I am trying to prove that every closed discrete subgroup of $\Bbb{R}^n$ under addition is a free abelian group of finite rank. I have tried to do this by induction on the dimension $n$.
Base case: We claim that a subgroup $H \subset \Bbb{R}$ has a least positive element $\alpha$. The completeness axiom tells us that there is a least positive real number $\alpha$ among all positive reals in $H$, and being closed implies that $\alpha \in H$.
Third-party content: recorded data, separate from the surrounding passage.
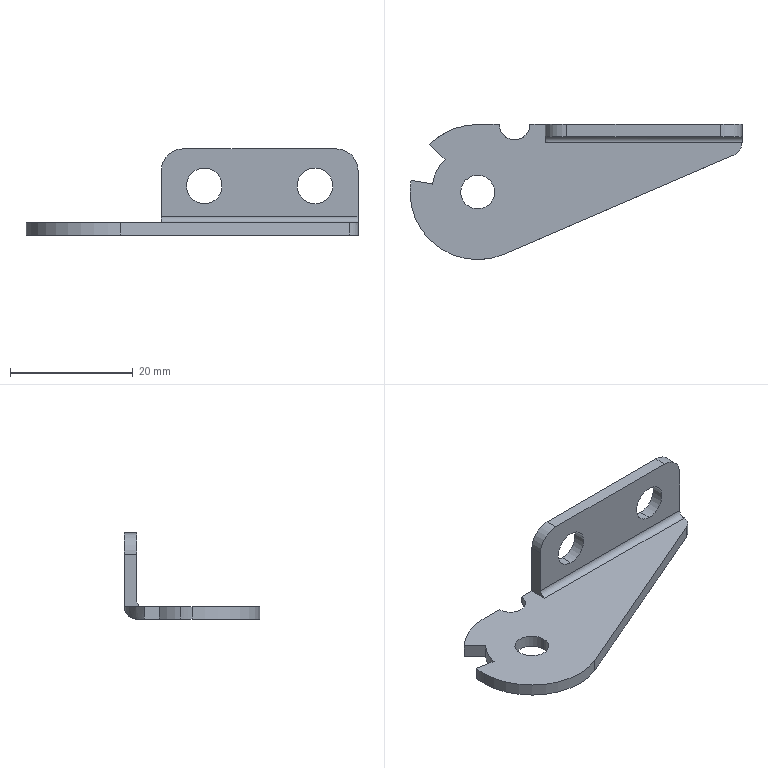Component | SolidWorks | MHPUS204-38-33-A-1_34-1 | 1 solid | 27 faces | box 54 x 22 x 14 mm | volume 2071 mm3 | cylinder 17 | plane 10 | commonest cylinder face diameters 5.8 x4 22 x3 5.5 x2 4 x2 7 x2 5 x1 4.4 x1 15 x1
STEP:
#1=CARTESIAN_POINT('',(20.81,-0.9055,1.98));
#2=VERTEX_POINT('',#1);
#3=CARTESIAN_POINT('',(20.594,-0.9055,1.98));
#4=VERTEX_POINT('',#3);
#5=CARTESIAN_POINT('',(20.702,-0.9055,1.98));
#6=DIRECTION('',(0.,0.,-1.));
#7=DIRECTION('',(-1.,0.,0.));
#8=AXIS2_PLACEMENT_3D('',#5,#6,#7);
#9=CIRCLE('',#8,0.1083);
#10=EDGE_CURVE('',#2,#4,#9,.T.);
#11=ORIENTED_EDGE('',*,*,#10,.F.);
#12=CARTESIAN_POINT('',(20.81,-0.9055,1.902));
#13=VERTEX_POINT('',#12);
#14=CARTESIAN_POINT('',(20.81,-0.9055,1.902));
#15=DIRECTION('',(0.,0.,-1.));
#16=VECTOR('',#15,39.37);
#17=LINE('',#14,#16);
#18=EDGE_CURVE('',#2,#13,#17,.T.);
#19=ORIENTED_EDGE('',*,*,#18,.T.);
#20=CARTESIAN_POINT('',(20.594,-0.9055,1.902));
#21=VERTEX_POINT('',#20);
#22=CARTESIAN_POINT('',(20.702,-0.9055,1.902));
#23=DIRECTION('',(0.,0.,-1.));
#24=DIRECTION('',(-1.,0.,0.));
#25=AXIS2_PLACEMENT_3D('',#22,#23,#24);
#26=CIRCLE('',#25,0.1083);
#27=EDGE_CURVE('',#13,#21,#26,.T.);
#28=ORIENTED_EDGE('',*,*,#27,.T.);
#29=CARTESIAN_POINT('',(20.594,-0.9055,1.902));
#30=DIRECTION('',(0.,0.,-1.));
#31=VECTOR('',#30,39.37);
#32=LINE('',#29,#31);
#33=EDGE_CURVE('',#4,#21,#32,.T.);
#34=ORIENTED_EDGE('',*,*,#33,.F.);
#35=EDGE_LOOP('',(#11,#19,#28,#34));
#36=FACE_OUTER_BOUND('',#35,.T.);
#37=CARTESIAN_POINT('',(20.702,-0.9055,1.902));
#38=DIRECTION('',(0.,0.,-1.));
#39=DIRECTION('',(-1.,0.,0.));
#40=AXIS2_PLACEMENT_3D('',#37,#38,#39);
#41=CYLINDRICAL_SURFACE('',#40,0.1083);
#42=ADVANCED_FACE('',(#36),#41,.F.);
#43=CARTESIAN_POINT('',(20.874,-1.303,1.98));
#44=VERTEX_POINT('',#43);
#45=CARTESIAN_POINT('',(20.269,-0.9055,1.98));
#46=VERTEX_POINT('',#45);
#47=CARTESIAN_POINT('',(20.702,-0.9055,1.98));
#48=DIRECTION('',(0.,0.,-1.));
#49=DIRECTION('',(-1.,0.,0.));
#50=AXIS2_PLACEMENT_3D('',#47,#48,#49);
#51=CIRCLE('',#50,0.4331);
#52=EDGE_CURVE('',#44,#46,#51,.T.);
#53=ORIENTED_EDGE('',*,*,#52,.T.);
#54=CARTESIAN_POINT('',(20.269,-0.9055,1.902));
#55=VERTEX_POINT('',#54);
#56=CARTESIAN_POINT('',(20.269,-0.9055,1.902));
#57=DIRECTION('',(0.,0.,-1.));
#58=VECTOR('',#57,39.37);
#59=LINE('',#56,#58);
#60=EDGE_CURVE('',#46,#55,#59,.T.);
#61=ORIENTED_EDGE('',*,*,#60,.T.);
#62=CARTESIAN_POINT('',(20.874,-1.303,1.902));
#63=VERTEX_POINT('',#62);
#64=CARTESIAN_POINT('',(20.702,-0.9055,1.902));
#65=DIRECTION('',(0.,0.,1.));
#66=DIRECTION('',(-1.,0.,0.));
#67=AXIS2_PLACEMENT_3D('',#64,#65,#66);
#68=CIRCLE('',#67,0.4331);
#69=EDGE_CURVE('',#55,#63,#68,.T.);
#70=ORIENTED_EDGE('',*,*,#69,.T.);
#71=CARTESIAN_POINT('',(20.874,-1.303,1.902));
#72=DIRECTION('',(0.,0.,-1.));
#73=VECTOR('',#72,39.37);
#74=LINE('',#71,#73);
#75=EDGE_CURVE('',#44,#63,#74,.T.);
#76=ORIENTED_EDGE('',*,*,#75,.F.);
#77=EDGE_LOOP('',(#53,#61,#70,#76));
#78=FACE_OUTER_BOUND('',#77,.T.);
#79=CARTESIAN_POINT('',(20.702,-0.9055,1.902));
#80=DIRECTION('',(0.,0.,-1.));
#81=DIRECTION('',(-1.,0.,0.));
#82=AXIS2_PLACEMENT_3D('',#79,#80,#81);
#83=CYLINDRICAL_SURFACE('',#82,0.4331);
#84=ADVANCED_FACE('',(#78),#83,.T.);
#85=CARTESIAN_POINT('',(21.411,-0.5512,2.331));
#86=VERTEX_POINT('',#85);
#87=CARTESIAN_POINT('',(21.411,-0.5512,2.102));
#88=VERTEX_POINT('',#87);
#89=CARTESIAN_POINT('',(21.411,-0.5512,2.217));
#90=DIRECTION('',(0.,-1.,0.));
#91=DIRECTION('',(0.,0.,1.));
#92=AXIS2_PLACEMENT_3D('',#89,#90,#91);
#93=CIRCLE('',#92,0.1142);
#94=EDGE_CURVE('',#86,#88,#93,.T.);
#95=ORIENTED_EDGE('',*,*,#94,.T.);
#96=CARTESIAN_POINT('',(21.411,-0.4724,2.102));
#97=VERTEX_POINT('',#96);
#98=CARTESIAN_POINT('',(21.411,-0.3937,2.102));
#99=DIRECTION('',(0.,1.,0.));
#100=VECTOR('',#99,39.37);
#101=LINE('',#98,#100);
#102=EDGE_CURVE('',#88,#97,#101,.T.);
#103=ORIENTED_EDGE('',*,*,#102,.T.);
#104=CARTESIAN_POINT('',(21.411,-0.4724,2.331));
#105=VERTEX_POINT('',#104);
#106=CARTESIAN_POINT('',(21.411,-0.4724,2.217));
#107=DIRECTION('',(0.,-1.,0.));
#108=DIRECTION('',(0.,0.,1.));
#109=AXIS2_PLACEMENT_3D('',#106,#107,#108);
#110=CIRCLE('',#109,0.1142);
#111=EDGE_CURVE('',#105,#97,#110,.T.);
#112=ORIENTED_EDGE('',*,*,#111,.F.);
#113=CARTESIAN_POINT('',(21.411,-0.3937,2.331));
#114=DIRECTION('',(0.,1.,0.));
#115=VECTOR('',#114,39.37);
#116=LINE('',#113,#115);
#117=EDGE_CURVE('',#86,#105,#116,.T.);
#118=ORIENTED_EDGE('',*,*,#117,.F.);
#119=EDGE_LOOP('',(#95,#103,#112,#118));
#120=FACE_OUTER_BOUND('',#119,.T.);
#121=CARTESIAN_POINT('',(21.411,-0.3937,2.217));
#122=DIRECTION('',(0.,1.,0.));
#123=DIRECTION('',(0.,0.,1.));
#124=AXIS2_PLACEMENT_3D('',#121,#122,#123);
#125=CYLINDRICAL_SURFACE('',#124,0.1142);
#126=ADVANCED_FACE('',(#120),#125,.F.);
#127=CARTESIAN_POINT('',(22.119,-0.5512,2.331));
#128=VERTEX_POINT('',#127);
#129=CARTESIAN_POINT('',(22.119,-0.5512,2.102));
#130=VERTEX_POINT('',#129);
#131=CARTESIAN_POINT('',(22.119,-0.5512,2.217));
#132=DIRECTION('',(0.,-1.,0.));
#133=DIRECTION('',(0.,0.,1.));
#134=AXIS2_PLACEMENT_3D('',#131,#132,#133);
#135=CIRCLE('',#134,0.1142);
#136=EDGE_CURVE('',#128,#130,#135,.T.);
#137=ORIENTED_EDGE('',*,*,#136,.T.);
#138=CARTESIAN_POINT('',(22.119,-0.4724,2.102));
#139=VERTEX_POINT('',#138);
#140=CARTESIAN_POINT('',(22.119,-0.3937,2.102));
#141=DIRECTION('',(0.,1.,0.));
#142=VECTOR('',#141,39.37);
#143=LINE('',#140,#142);
#144=EDGE_CURVE('',#130,#139,#143,.T.);
#145=ORIENTED_EDGE('',*,*,#144,.T.);
#146=CARTESIAN_POINT('',(22.119,-0.4724,2.331));
#147=VERTEX_POINT('',#146);
#148=CARTESIAN_POINT('',(22.119,-0.4724,2.217));
#149=DIRECTION('',(0.,-1.,0.));
#150=DIRECTION('',(0.,0.,1.));
#151=AXIS2_PLACEMENT_3D('',#148,#149,#150);
#152=CIRCLE('',#151,0.1142);
#153=EDGE_CURVE('',#147,#139,#152,.T.);
#154=ORIENTED_EDGE('',*,*,#153,.F.);
#155=CARTESIAN_POINT('',(22.119,-0.3937,2.331));
#156=DIRECTION('',(0.,1.,0.));
#157=VECTOR('',#156,39.37);
#158=LINE('',#155,#157);
#159=EDGE_CURVE('',#128,#147,#158,.T.);
#160=ORIENTED_EDGE('',*,*,#159,.F.);
#161=EDGE_LOOP('',(#137,#145,#154,#160));
#162=FACE_OUTER_BOUND('',#161,.T.);
#163=CARTESIAN_POINT('',(22.119,-0.3937,2.217));
#164=DIRECTION('',(0.,1.,0.));
#165=DIRECTION('',(0.,0.,1.));
#166=AXIS2_PLACEMENT_3D('',#163,#164,#165);
#167=CYLINDRICAL_SURFACE('',#166,0.1142);
#168=ADVANCED_FACE('',(#162),#167,.F.);
#169=CARTESIAN_POINT('',(20.702,-0.9055,1.902));
#170=DIRECTION('',(0.,0.,-1.));
#171=DIRECTION('',(-1.,0.,0.));
#172=AXIS2_PLACEMENT_3D('',#169,#170,#171);
#173=CIRCLE('',#172,0.1083);
#174=EDGE_CURVE('',#21,#13,#173,.T.);
#175=ORIENTED_EDGE('',*,*,#174,.F.);
#176=ORIENTED_EDGE('',*,*,#27,.F.);
#177=EDGE_LOOP('',(#175,#176));
#178=FACE_BOUND('',#177,.T.);
#179=CARTESIAN_POINT('',(22.395,-0.5512,1.902));
#180=VERTEX_POINT('',#179);
#181=CARTESIAN_POINT('',(20.997,-0.5512,1.902));
#182=VERTEX_POINT('',#181);
#183=CARTESIAN_POINT('',(20.702,-0.5512,1.902));
#184=DIRECTION('',(-1.,0.,0.));
#185=VECTOR('',#184,39.37);
#186=LINE('',#183,#185);
#187=EDGE_CURVE('',#180,#182,#186,.T.);
#188=ORIENTED_EDGE('',*,*,#187,.F.);
#189=CARTESIAN_POINT('',(22.395,-0.5887,1.902));
#190=VERTEX_POINT('',#189);
#191=CARTESIAN_POINT('',(22.395,-0.4724,1.902));
#192=DIRECTION('',(0.,1.,0.));
#193=VECTOR('',#192,39.37);
#194=LINE('',#191,#193);
#195=EDGE_CURVE('',#190,#180,#194,.T.);
#196=ORIENTED_EDGE('',*,*,#195,.F.);
#197=CARTESIAN_POINT('',(22.343,-0.6683,1.902));
#198=VERTEX_POINT('',#197);
#199=CARTESIAN_POINT('',(22.308,-0.5887,1.902));
#200=DIRECTION('',(0.,0.,1.));
#201=DIRECTION('',(-1.,-0.,0.));
#202=AXIS2_PLACEMENT_3D('',#199,#200,#201);
#203=CIRCLE('',#202,0.08661);
#204=EDGE_CURVE('',#198,#190,#203,.T.);
#205=ORIENTED_EDGE('',*,*,#204,.F.);
#206=CARTESIAN_POINT('',(20.874,-1.303,1.902));
#207=DIRECTION('',(0.9179,0.3967,0.));
#208=VECTOR('',#207,39.37);
#209=LINE('',#206,#208);
#210=EDGE_CURVE('',#63,#198,#209,.T.);
#211=ORIENTED_EDGE('',*,*,#210,.F.);
#212=ORIENTED_EDGE('',*,*,#69,.F.);
#213=CARTESIAN_POINT('',(20.276,-0.8303,1.902));
#214=VERTEX_POINT('',#213);
#215=CARTESIAN_POINT('',(20.702,-0.9055,1.902));
#216=DIRECTION('',(0.,0.,1.));
#217=DIRECTION('',(-1.,0.,0.));
#218=AXIS2_PLACEMENT_3D('',#215,#216,#217);
#219=CIRCLE('',#218,0.4331);
#220=EDGE_CURVE('',#214,#55,#219,.T.);
#221=ORIENTED_EDGE('',*,*,#220,.F.);
#222=CARTESIAN_POINT('',(20.411,-0.8542,1.902));
#223=VERTEX_POINT('',#222);
#224=CARTESIAN_POINT('',(20.411,-0.8542,1.902));
#225=DIRECTION('',(-0.9848,0.1736,0.));
#226=VECTOR('',#225,39.37);
#227=LINE('',#224,#226);
#228=EDGE_CURVE('',#223,#214,#227,.T.);
#229=ORIENTED_EDGE('',*,*,#228,.F.);
#230=CARTESIAN_POINT('',(20.493,-0.6967,1.902));
#231=VERTEX_POINT('',#230);
#232=CARTESIAN_POINT('',(20.702,-0.9055,1.902));
#233=DIRECTION('',(0.,0.,1.));
#234=DIRECTION('',(-1.,-0.,0.));
#235=AXIS2_PLACEMENT_3D('',#232,#233,#234);
#236=CIRCLE('',#235,0.2953);
#237=EDGE_CURVE('',#231,#223,#236,.T.);
#238=ORIENTED_EDGE('',*,*,#237,.F.);
#239=CARTESIAN_POINT('',(20.396,-0.5993,1.902));
#240=VERTEX_POINT('',#239);
#241=CARTESIAN_POINT('',(20.396,-0.5993,1.902));
#242=DIRECTION('',(0.7071,-0.7071,0.));
#243=VECTOR('',#242,39.37);
#244=LINE('',#241,#243);
#245=EDGE_CURVE('',#240,#231,#244,.T.);
#246=ORIENTED_EDGE('',*,*,#245,.F.);
#247=CARTESIAN_POINT('',(20.453,-0.5512,1.902));
#248=VERTEX_POINT('',#247);
#249=CARTESIAN_POINT('',(20.702,-0.9055,1.902));
#250=DIRECTION('',(0.,0.,1.));
#251=DIRECTION('',(-1.,-0.,0.));
#252=AXIS2_PLACEMENT_3D('',#249,#250,#251);
#253=CIRCLE('',#252,0.4331);
#254=EDGE_CURVE('',#248,#240,#253,.T.);
#255=ORIENTED_EDGE('',*,*,#254,.F.);
#256=CARTESIAN_POINT('',(20.879,-0.5512,1.902));
#257=VERTEX_POINT('',#256);
#258=CARTESIAN_POINT('',(20.702,-0.5512,1.902));
#259=DIRECTION('',(-1.,0.,0.));
#260=VECTOR('',#259,39.37);
#261=LINE('',#258,#260);
#262=EDGE_CURVE('',#257,#248,#261,.T.);
#263=ORIENTED_EDGE('',*,*,#262,.F.);
#264=CARTESIAN_POINT('',(20.938,-0.4724,1.902));
#265=DIRECTION('',(0.,0.,-1.));
#266=DIRECTION('',(-1.,0.,0.));
#267=AXIS2_PLACEMENT_3D('',#264,#265,#266);
#268=CIRCLE('',#267,0.09843);
#269=EDGE_CURVE('',#182,#257,#268,.T.);
#270=ORIENTED_EDGE('',*,*,#269,.F.);
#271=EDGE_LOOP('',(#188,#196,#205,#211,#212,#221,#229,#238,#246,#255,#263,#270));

Now assume the inductive hypothesis and consider a closed, discrete subgroup $H$ of $\Bbb{R}^n$. Choose some element $x \in H$ of least positive distance to the origin. This can be done because otherwise we get a contradiction like the above. Now let $L$ be the subspace spanned by $x$ and write $\Bbb{R}^n = L \oplus W$ for some complement $W$. Consider the projection (as a linear map) $p : \Bbb{R}^n \to W$. Now this is also a group homomorphism and so we have
$\textrm{Im} (H) \subset W$
being a subgroup and so by the induction hypothesis is isomorphic to $\Bbb{Z}^l$ for some $1 \leq l \leq n-1$. However from here I am having some trouble concluding that $H$ itself must be isomorphic to $\Bbb{Z}^l \oplus \Bbb{Z}x$. If I know the existence of a map $l : \textrm{Im}(H) \to H$ such that
$p \circ l = \textrm{id}_{\textrm{Im}(H)}$
then by the splitting lemma I can conclude my problem. However, I don't have such a map so how do I conclude the problem? Please do not post complete solutions.
Thanks.
Edit: Perhaps I should add some context. I am trying to conclude that the kernel of the exponential map $\exp : \mathfrak{g} \to G$ where $G$ is a connected abelian matrix Lie group is a free abelian group of finite rank. We know that the assumptions on our matrix Lie group mean that $\exp$ is a group homomorphism, so that $\ker \exp$ is a subgroup of the Lie algebra $\mathfrak{g}$.
Edit: The problem is reduced to showing that the image of $H$ under the projection is indeed discrete, because otherwise we cannot apply the inductive hypothesis.